FIGURE 2.

Involvement of miR-125b in Taxol resistance in breast cancer cells. A, MDA-435 cells were transfected with 100 nm pre-miR-negative (Ctr), pre-miR-125b, pre-miR-221, and pre-miR-222. 24 h after transfection, cells were seeded into 96-well plates at the density of 8 × 10³ per well. Twelve hours later cells were treated with 0, 4, 8, and 16 nm Taxol for 48 h.
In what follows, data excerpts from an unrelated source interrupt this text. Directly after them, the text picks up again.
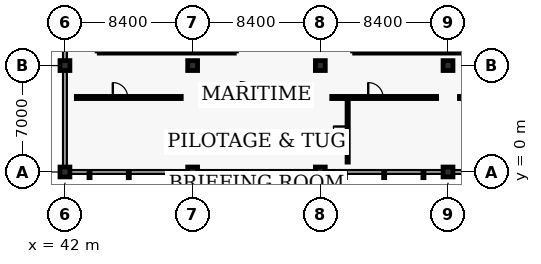
"""IFC4 building model, lengths in metres.
Left out: names, types, materials, properties, quantities, classifications, styles, units other than length and angle.
Written with IfcOpenShell. Run it as: python <this file> out.ifc"""

import sys

from ifc_helpers import new_model, si_unit, direction, frame, frame_2d, origin, origin_2d, place, context, subcontext, project, spatial, rectangle, extrude, element, fill, save


model = new_model("IFC4")
c1 = context("Model", 3, precision=1e-05, world=origin(), true_north=direction((0.0, 1.0)))
c2 = subcontext(c1, "Body", "Model", "MODEL_VIEW")
j1 = project(units=[si_unit("LENGTHUNIT", "METRE"), si_unit("PLANEANGLEUNIT", "RADIAN")], contexts=[c1])
p1 = place(None, origin())
s1 = spatial("IfcSite", under=j1, at=p1, CompositionType="ELEMENT")
p2 = place(p1, origin())
s2 = spatial("IfcBuilding", under=s1, at=p2, CompositionType="ELEMENT")
p3 = place(p2, frame((0.0, 0.0, 13.12)))
s3 = spatial("IfcBuildingStorey", under=s2, at=p3, CompositionType="ELEMENT", Elevation=13.12)
for number, where, z_axis, x_axis in (
    (1, (42.0, 0.0, 0.0), (0.0, 0.0, 1.0), (1.0, 0.0, 0.0)),
    (2, (42.0, 7.0, 0.0), (0.0, 0.0, 1.0), (1.0, 0.0, 0.0)),
    (3, (50.4, 0.0, 0.0), (0.0, 0.0, 1.0), (1.0, 0.0, 0.0)),
    (4, (50.4, 7.0, 0.0), (0.0, 0.0, 1.0), (1.0, 0.0, 0.0)),
    (5, (58.8, 0.0, 0.0), (0.0, 0.0, 1.0), (1.0, 0.0, 0.0)),
    (6, (58.8, 7.0, 0.0), (0.0, 0.0, 1.0), (1.0, 0.0, 0.0)),
    (7, (67.2, 0.0, 0.0), (0.0, 0.0, 1.0), (1.0, 0.0, 0.0)),
    (8, (67.2, 7.0, 0.0), (0.0, 0.0, 1.0), (1.0, 0.0, 0.0)),
):
    element("IfcColumn", number, at=place(p3, frame(where, z_axis=z_axis, x_axis=x_axis)), inside=s3, PredefinedType="COLUMN", context=c2, shape_type="SweptSolid", body=[
        extrude(rectangle(XDim=0.65, YDim=0.65, at=origin_2d()), origin(), (0.0, 0.0, 1.0), 3.2),
    ])
for number, where, z_axis, x_axis in (
    (9, (44.26, 7.96, 0.0), (0.0, 0.0, 1.0), (1.0, 0.0, 0.0)),
    (10, (61.06, 7.96, 0.0), (0.0, 0.0, 1.0), (1.0, 0.0, 0.0)),
):
    element("IfcWall", number, at=place(p3, frame(where, z_axis=z_axis, x_axis=x_axis)), inside=s3, PredefinedType="SHEAR", context=c2, shape_type="SweptSolid", body=[
        extrude(rectangle(XDim=8.88, YDim=0.28, at=frame_2d((4.44, 0.0))), origin(), (0.0, 0.0, 1.0), 3.2),
    ])
p4 = place(p3, frame((42.75, 4.9, 0.0), z_axis=(0.0, 0.0, 1.0), x_axis=(1.0, 0.0, 0.0)))
e11 = element("IfcWall", 11, at=p4, inside=s3, PredefinedType="PARTITIONING", context=c2, shape_type="SweptSolid", body=[
    extrude(rectangle(XDim=6.9, YDim=0.14, at=frame_2d((3.45, 0.0))), origin(), (0.0, 0.0, 1.0), 2.475),
])
p5 = place(p4, frame((2.4, 0.0, 0.0)))
e12 = element("IfcOpeningElement", 12, at=p5, cuts=e11, PredefinedType="OPENING", context=c2, shape_type="SweptSolid", body=[
    extrude(rectangle(XDim=0.98, YDim=2.12, at=frame_2d((0.49, 1.06))), frame((0.0, 0.08, 0.0), z_axis=(0.0, -1.0, 0.0), x_axis=(1.0, 0.0, 0.0)), (0.0, 0.0, 1.0), 0.16),
])
p6 = place(p3, frame((51.15, 4.9, 0.0), z_axis=(0.0, 0.0, 1.0), x_axis=(1.0, 0.0, 0.0)))
e13 = element("IfcWall", 13, at=p6, inside=s3, PredefinedType="PARTITIONING", context=c2, shape_type="SweptSolid", body=[
    extrude(rectangle(XDim=6.9, YDim=0.14, at=frame_2d((3.45, 0.0))), origin(), (0.0, 0.0, 1.0), 2.475),
])
p7 = place(p6, frame((2.4, 0.0, 0.0)))
e14 = element("IfcOpeningElement", 14, at=p7, cuts=e13, PredefinedType="OPENING", context=c2, shape_type="SweptSolid", body=[
    extrude(rectangle(XDim=1.04, YDim=2.14, at=frame_2d((0.52, 1.07))), frame((0.0, 0.08, 0.0), z_axis=(0.0, -1.0, 0.0), x_axis=(1.0, 0.0, 0.0)), (0.0, 0.0, 1.0), 0.16),
])
p8 = place(p3, frame((59.55, 4.9, 0.0), z_axis=(0.0, 0.0, 1.0), x_axis=(1.0, 0.0, 0.0)))
e15 = element("IfcWall", 15, at=p8, inside=s3, PredefinedType="PARTITIONING", context=c2, shape_type="SweptSolid", body=[
    extrude(rectangle(XDim=6.9, YDim=0.14, at=frame_2d((3.45, 0.0))), origin(), (0.0, 0.0, 1.0), 2.475),
])
p9 = place(p8, frame((2.4, 0.0, 0.0)))
e16 = element("IfcOpeningElement", 16, at=p9, cuts=e15, PredefinedType="OPENING", context=c2, shape_type="SweptSolid", body=[
    extrude(rectangle(XDim=0.98, YDim=2.12, at=frame_2d((0.49, 1.06))), frame((0.0, 0.08, 0.0), z_axis=(0.0, -1.0, 0.0), x_axis=(1.0, 0.0, 0.0)), (0.0, 0.0, 1.0), 0.16),
])
p10 = place(p3, frame((60.6, 0.65, 0.0), z_axis=(0.0, 0.0, 1.0), x_axis=(0.0, 1.0, 0.0)))
e17 = element("IfcWall", 17, at=p10, inside=s3, PredefinedType="PARTITIONING", context=c2, shape_type="SweptSolid", body=[
    extrude(rectangle(XDim=4.1, YDim=0.08, at=frame_2d((2.05, 0.0))), origin(), (0.0, 0.0, 1.0), 2.5),
])
p11 = place(p10, frame((1.4, 0.0, 0.0)))
e18 = element("IfcOpeningElement", 18, at=p11, cuts=e17, PredefinedType="OPENING", context=c2, shape_type="SweptSolid", body=[
    extrude(rectangle(XDim=0.94, YDim=2.08, at=frame_2d((0.47, 1.04))), frame((0.0, 0.05, 0.0), z_axis=(0.0, -1.0, 0.0), x_axis=(1.0, 0.0, 0.0)), (0.0, 0.0, 1.0), 0.1),
])
p12 = place(p3, frame((67.95, 4.9, 0.0), z_axis=(0.0, 0.0, 1.0), x_axis=(1.0, 0.0, 0.0)))
e19 = element("IfcWall", 19, at=p12, inside=s3, PredefinedType="PARTITIONING", context=c2, shape_type="SweptSolid", body=[
    extrude(rectangle(XDim=6.9, YDim=0.14, at=frame_2d((3.45, 0.0))), origin(), (0.0, 0.0, 1.0), 2.475),
])
p13 = place(p12, frame((2.4, 0.0, 0.0)))
e20 = element("IfcOpeningElement", 20, at=p13, cuts=e19, PredefinedType="OPENING", context=c2, shape_type="SweptSolid", body=[
    extrude(rectangle(XDim=1.04, YDim=2.14, at=frame_2d((0.52, 1.07))), frame((0.0, 0.08, 0.0), z_axis=(0.0, -1.0, 0.0), x_axis=(1.0, 0.0, 0.0)), (0.0, 0.0, 1.0), 0.16),
])
p14 = place(p5, origin())
e21 = element("IfcDoor", 21, at=p14, inside=s3, OperationType="SINGLE_SWING_LEFT", PredefinedType="DOOR", context=c2, shape_type="SweptSolid", body=[
    extrude(rectangle(XDim=0.98, YDim=2.12, at=frame_2d((0.49, 1.06))), frame((0.0, 0.025, 0.0), z_axis=(0.0, -1.0, 0.0), x_axis=(1.0, 0.0, 0.0)), (0.0, 0.0, 1.0), 0.05),
])
fill(e12, e21)
p15 = place(p7, origin())
e22 = element("IfcDoor", 22, at=p15, inside=s3, OperationType="SINGLE_SWING_LEFT", PredefinedType="DOOR", context=c2, shape_type="SweptSolid", body=[
    extrude(rectangle(XDim=1.04, YDim=2.14, at=frame_2d((0.52, 1.07))), frame((0.0, 0.025, 0.0), z_axis=(0.0, -1.0, 0.0), x_axis=(1.0, 0.0, 0.0)), (0.0, 0.0, 1.0), 0.05),
])
fill(e14, e22)
p16 = place(p9, origin())
e23 = element("IfcDoor", 23, at=p16, inside=s3, OperationType="SINGLE_SWING_LEFT", PredefinedType="DOOR", context=c2, shape_type="SweptSolid", body=[
    extrude(rectangle(XDim=0.98, YDim=2.12, at=frame_2d((0.49, 1.06))), frame((0.0, 0.025, 0.0), z_axis=(0.0, -1.0, 0.0), x_axis=(1.0, 0.0, 0.0)), (0.0, 0.0, 1.0), 0.05),
])
fill(e16, e23)
p17 = place(p11, origin())
e24 = element("IfcDoor", 24, at=p17, inside=s3, OperationType="SINGLE_SWING_RIGHT", PredefinedType="DOOR", context=c2, shape_type="SweptSolid", body=[
    extrude(rectangle(XDim=0.94, YDim=2.08, at=frame_2d((0.47, 1.04))), frame((0.0, 0.025, 0.0), z_axis=(0.0, -1.0, 0.0), x_axis=(1.0, 0.0, 0.0)), (0.0, 0.0, 1.0), 0.05),
])
fill(e18, e24)
save(model, sys.argv[1])

Then the cell viability was detected using a MTS reagent. B, breast cancer cells, MDA-435, MDA-231, and BT474, were seeded into 96-well plates 24 h after the transfection of 100 nm pre-miR-125b and then followed with the indicated concentrations of Taxol for 48 h. Pre-miR-negative served as a negative control. The cell viability was detected using MTS reagent. C, MDA-435 cells were transfected with 0, 25, 50, and 100 nm pre-miR-125b (top). Twenty-four hours after transfection, the cells were seeded into 96-well plates at the density of 8 × 10³ cells/well. Twelve hours later cells were treated with 16 nm Taxol for 48 h. Then, the cell viability was detected. MDA-435 cells were transfected with 100 nm pre-miR-negative or pre-miR-125b (bottom). Twenty-four hours after transfection, some of cells were collected for detection of miR-125b level by end-PCR (inset). Some of cells were seeded into 96-well plates at the density of 8 × 10³ cells/well. Twelve hours later cells were treated with 0, 4, 8, 16, and 32 nm Taxol for 48 h. Then the cell viability was detected. D, similar experiments were performed in MDA-231 cells as described in panel C. Data are presented as the percentage of viability inhibition measured in cells treated without Taxol. Columns, mean of three independent experiments; bars, S.E. *, p < 0.05, **, p < 0.01, ***, p < 0.001.